Murphy Group has lost a case in which it sought to prevent more than £8m in damages being claimed through an on-demand performance bond by Beckton Energy Ltd on its delayed fat-fired power plant.
In papers filed at the High Court, it was revealed Beckton was seeking to call on the bond for £8.27m in liquidated damages due to Murphy missing construction targets on the scheme.
A performance bond is a bond issued by an insurance company or a bank to guarantee satisfactory completion of a project by a contractor.
Murphy was contracted in March 2013 under a £70m EPC contract to build a combined heat and intelligent power (CHiP) plant.
The plant is expected to provide up to 18 MW of electricity back into the National Grid and 1 MW of renewable heat to power Thames Water’s Beckton Waste Water Treatment Plant using recycled fuels derived from fats, oils and greases.
The job has already been cited as chiefly responsible for the £9.1m loss accrued by Murphy in 2014.

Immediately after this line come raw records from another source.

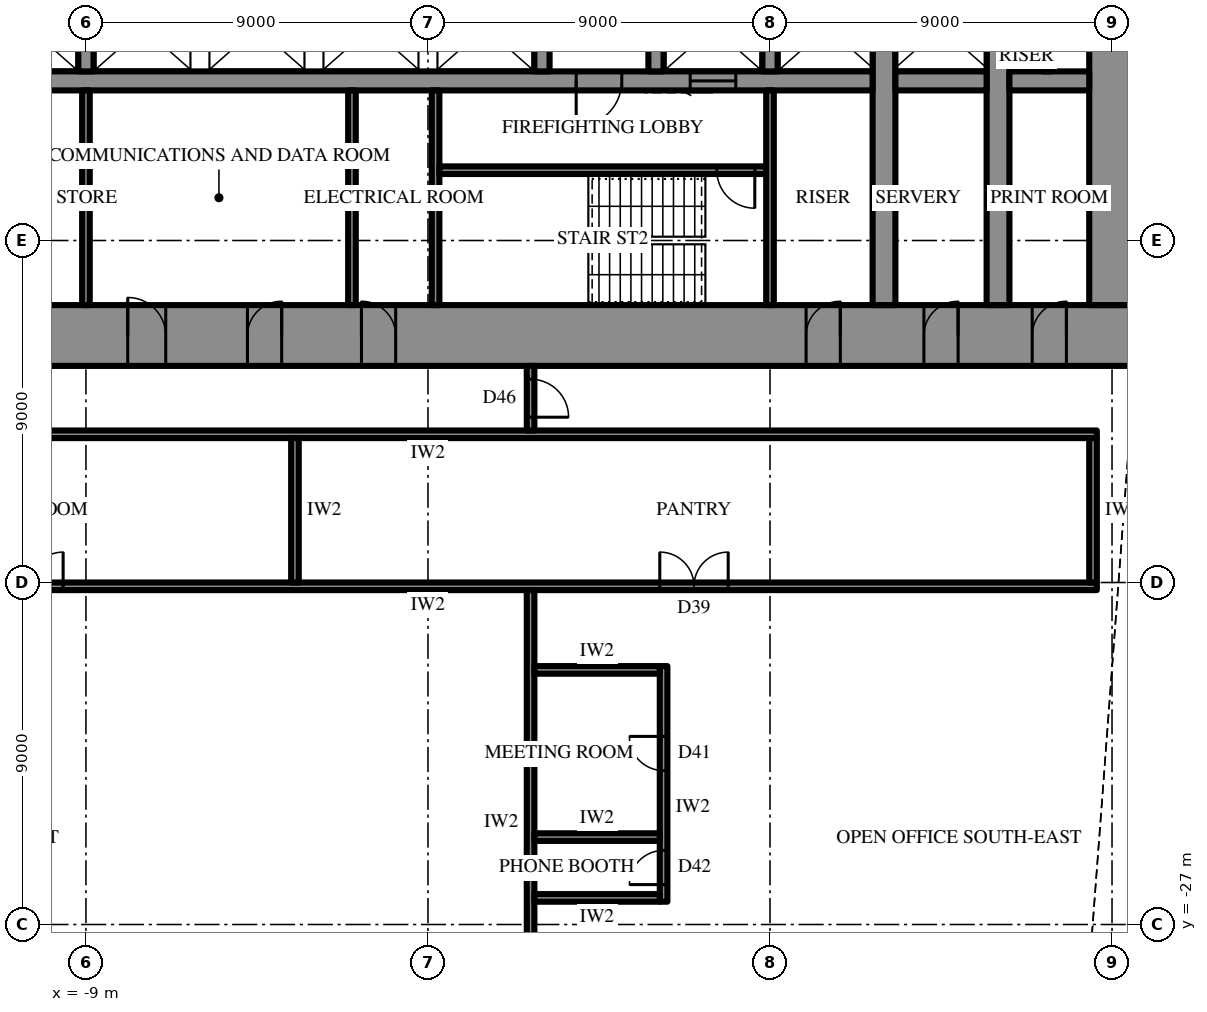
"""IFC4 building model, lengths in metres.
Left out: names, types, materials, properties, quantities, classifications, styles, units other than length and angle.
Written with IfcOpenShell. Run it as: python <this file> out.ifc"""

import sys

from ifc_helpers import new_model, si_unit, direction, frame, frame_2d, origin, place, context, subcontext, project, spatial, rectangle, extrude, element, fill, save


model = new_model("IFC4")
c1 = context("Model", 3, precision=1e-05, world=origin(), true_north=direction((0.0, 1.0)))
c2 = subcontext(c1, "Body", "Model", "MODEL_VIEW")
j1 = project(units=[si_unit("LENGTHUNIT", "METRE"), si_unit("PLANEANGLEUNIT", "RADIAN")], contexts=[c1])
p1 = place(None, origin())
s1 = spatial("IfcSite", under=j1, at=p1, CompositionType="ELEMENT")
p2 = place(p1, origin())
s2 = spatial("IfcBuilding", under=s1, at=p2, CompositionType="ELEMENT")
p3 = place(p2, frame((0.0, 0.0, 157.3)))
s3 = spatial("IfcBuildingStorey", under=s2, at=p3, CompositionType="ELEMENT", Elevation=157.3)
p4 = place(p3, frame((18.6, -11.5, 0.0), z_axis=(0.0, 0.0, 1.0), x_axis=(-1.0, 0.0, 0.0)))
e1 = element("IfcWall", 1, at=p4, inside=s3, PredefinedType="SHEAR", context=c2, shape_type="SweptSolid", body=[
    extrude(rectangle(XDim=37.2, YDim=1.6, at=frame_2d((18.6, 0.0))), origin(), (0.0, 0.0, 1.0), 4.2),
])
p5 = place(p4, frame((19.45, 0.0, 0.0)))
e2 = element("IfcOpeningElement", 2, at=p5, cuts=e1, PredefinedType="OPENING", context=c2, shape_type="SweptSolid", body=[
    extrude(rectangle(XDim=0.9, YDim=2.2, at=frame_2d((0.45, 1.1))), frame((0.0, 0.81, 0.0), z_axis=(0.0, -1.0, 0.0), x_axis=(1.0, 0.0, 0.0)), (0.0, 0.0, 1.0), 1.62),
])
p6 = place(p4, frame((22.45, 0.0, 0.0)))
e3 = element("IfcOpeningElement", 3, at=p6, cuts=e1, PredefinedType="OPENING", context=c2, shape_type="SweptSolid", body=[
    extrude(rectangle(XDim=0.9, YDim=2.2, at=frame_2d((0.45, 1.1))), frame((0.0, 0.81, 0.0), z_axis=(0.0, -1.0, 0.0), x_axis=(1.0, 0.0, 0.0)), (0.0, 0.0, 1.0), 1.62),
])
p7 = place(p4, frame((25.5, 0.0, 0.0)))
e4 = element("IfcOpeningElement", 4, at=p7, cuts=e1, PredefinedType="OPENING", context=c2, shape_type="SweptSolid", body=[
    extrude(rectangle(XDim=1.0, YDim=2.2, at=frame_2d((0.5, 1.1))), frame((0.0, 0.81, 0.0), z_axis=(0.0, -1.0, 0.0), x_axis=(1.0, 0.0, 0.0)), (0.0, 0.0, 1.0), 1.62),
])
p8 = place(p4, frame((1.8, 0.0, 0.0)))
e5 = element("IfcOpeningElement", 5, at=p8, cuts=e1, PredefinedType="OPENING", context=c2, shape_type="SweptSolid", body=[
    extrude(rectangle(XDim=0.9, YDim=2.2, at=frame_2d((0.45, 1.1))), frame((0.0, 0.81, 0.0), z_axis=(0.0, -1.0, 0.0), x_axis=(1.0, 0.0, 0.0)), (0.0, 0.0, 1.0), 1.62),
])
p9 = place(p4, frame((4.65, 0.0, 0.0)))
e6 = element("IfcOpeningElement", 6, at=p9, cuts=e1, PredefinedType="OPENING", context=c2, shape_type="SweptSolid", body=[
    extrude(rectangle(XDim=0.9, YDim=2.2, at=frame_2d((0.45, 1.1))), frame((0.0, 0.81, 0.0), z_axis=(0.0, -1.0, 0.0), x_axis=(1.0, 0.0, 0.0)), (0.0, 0.0, 1.0), 1.62),
])
p10 = place(p4, frame((7.75, 0.0, 0.0)))
e7 = element("IfcOpeningElement", 7, at=p10, cuts=e1, PredefinedType="OPENING", context=c2, shape_type="SweptSolid", body=[
    extrude(rectangle(XDim=0.9, YDim=2.2, at=frame_2d((0.45, 1.1))), frame((0.0, 0.81, 0.0), z_axis=(0.0, -1.0, 0.0), x_axis=(1.0, 0.0, 0.0)), (0.0, 0.0, 1.0), 1.62),
])
p11 = place(p4, frame((28.55, 0.0, 0.0)))
e8 = element("IfcOpeningElement", 8, at=p11, cuts=e1, PredefinedType="OPENING", context=c2, shape_type="SweptSolid", body=[
    extrude(rectangle(XDim=0.9, YDim=2.2, at=frame_2d((0.45, 1.1))), frame((0.0, 0.81, 0.0), z_axis=(0.0, -1.0, 0.0), x_axis=(1.0, 0.0, 0.0)), (0.0, 0.0, 1.0), 1.62),
])
p12 = place(p4, frame((31.65, 0.0, 0.0)))
e9 = element("IfcOpeningElement", 9, at=p12, cuts=e1, PredefinedType="OPENING", context=c2, shape_type="SweptSolid", body=[
    extrude(rectangle(XDim=0.9, YDim=2.2, at=frame_2d((0.45, 1.1))), frame((0.0, 0.81, 0.0), z_axis=(0.0, -1.0, 0.0), x_axis=(1.0, 0.0, 0.0)), (0.0, 0.0, 1.0), 1.62),
])
p13 = place(p4, frame((34.5, 0.0, 0.0)))
e10 = element("IfcOpeningElement", 10, at=p13, cuts=e1, PredefinedType="OPENING", context=c2, shape_type="SweptSolid", body=[
    extrude(rectangle(XDim=0.9, YDim=2.2, at=frame_2d((0.45, 1.1))), frame((0.0, 0.81, 0.0), z_axis=(0.0, -1.0, 0.0), x_axis=(1.0, 0.0, 0.0)), (0.0, 0.0, 1.0), 1.62),
])
p14 = place(p3, frame((18.0, -10.7, 0.0), z_axis=(0.0, 0.0, 1.0), x_axis=(0.0, 1.0, 0.0)))
e11 = element("IfcWall", 11, at=p14, inside=s3, PredefinedType="SHEAR", context=c2, shape_type="SweptSolid", body=[
    extrude(rectangle(XDim=21.4, YDim=1.2, at=frame_2d((10.7, 0.0))), origin(), (0.0, 0.0, 1.0), 4.2),
])
p15 = place(p14, frame((9.8, 0.0, 0.0)))
e12 = element("IfcOpeningElement", 12, at=p15, cuts=e11, PredefinedType="OPENING", context=c2, shape_type="SweptSolid", body=[
    extrude(rectangle(XDim=1.8, YDim=2.4, at=frame_2d((0.9, 1.2))), frame((0.0, 0.61, 0.0), z_axis=(0.0, -1.0, 0.0), x_axis=(1.0, 0.0, 0.0)), (0.0, 0.0, 1.0), 1.22),
])
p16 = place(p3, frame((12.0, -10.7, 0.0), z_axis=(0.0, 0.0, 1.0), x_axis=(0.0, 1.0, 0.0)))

In its results for the year to 31 December 2014, Murphy highlighted “difficulties with design, cost escalation, supply chain and engine-related technical breakdowns at its Beckton CHP scheme”.
Beckton Energy Ltd has pursued its £8.27m in damages after it claimed Murphy missed several targets.
Murphy was contracted to reach a ROC Accreditation Milestone by 2 November 2014. This equates to Ofgem awarding Renewables Obligation accreditation to the scheme based on completion of tests that showed the plant was capable of commercial operation.
It was also expected to complete works by 31 January 2015 and the project has still to be handed over.
The scheme had been funded with the aid of a loan facility of £53m plus VAT facility of £2m, while Beckton’s shareholders committed £17m.
The first repayment was due on 30 September 2015, which Beckton has paid, and is due every six months thereafter.
According to the papers, Beckton has “now exhausted all possible sources of committed funding and needs payment of delay damages”.
The court papers state: “Without payment under the bond, Beckton does not believe that its auditors will be able to give an unqualified opinion as to its solvency, which would have grave consequences for Beckton, being a default event under the facilities agreement and damaging to Beckton’s credit status.”
Murphy said a call on the bond “gives rise to a risk of damage to its commercial reputation, standing and creditworthiness, and would be something that might well need to be disclosed in future tenders”.
Murphy had sought injunctive relief against Beckton preventing it from making a demand on the bond until there had been agreement or determination from the project engineer, Christopher Turner of Capita Symonds.
Beckton claimed Murphy failed to achieve the ROC Accreditation Milestone and to achieve the taking over date as required in its contract.
It also alleged Murphy’s claims for extensions have not been granted by the engineer “on the basis that Murphy had not demonstrated that any event or circumstances giving rise to a claim for extension of time or payment had occurred”.
Mrs Justice Carr ruled Beckton could “in good faith assert breach on the part of Murphy for delay and claim a sum of delay damages as a consequence of such breach” and that ”it would not be fraudulent for Beckton to make a call on the bond in the absence of agreement or determination by the engineer” as per the contract.
Beckton Energy Ltd, 20C Ltd and Murphy Group all declined to comment.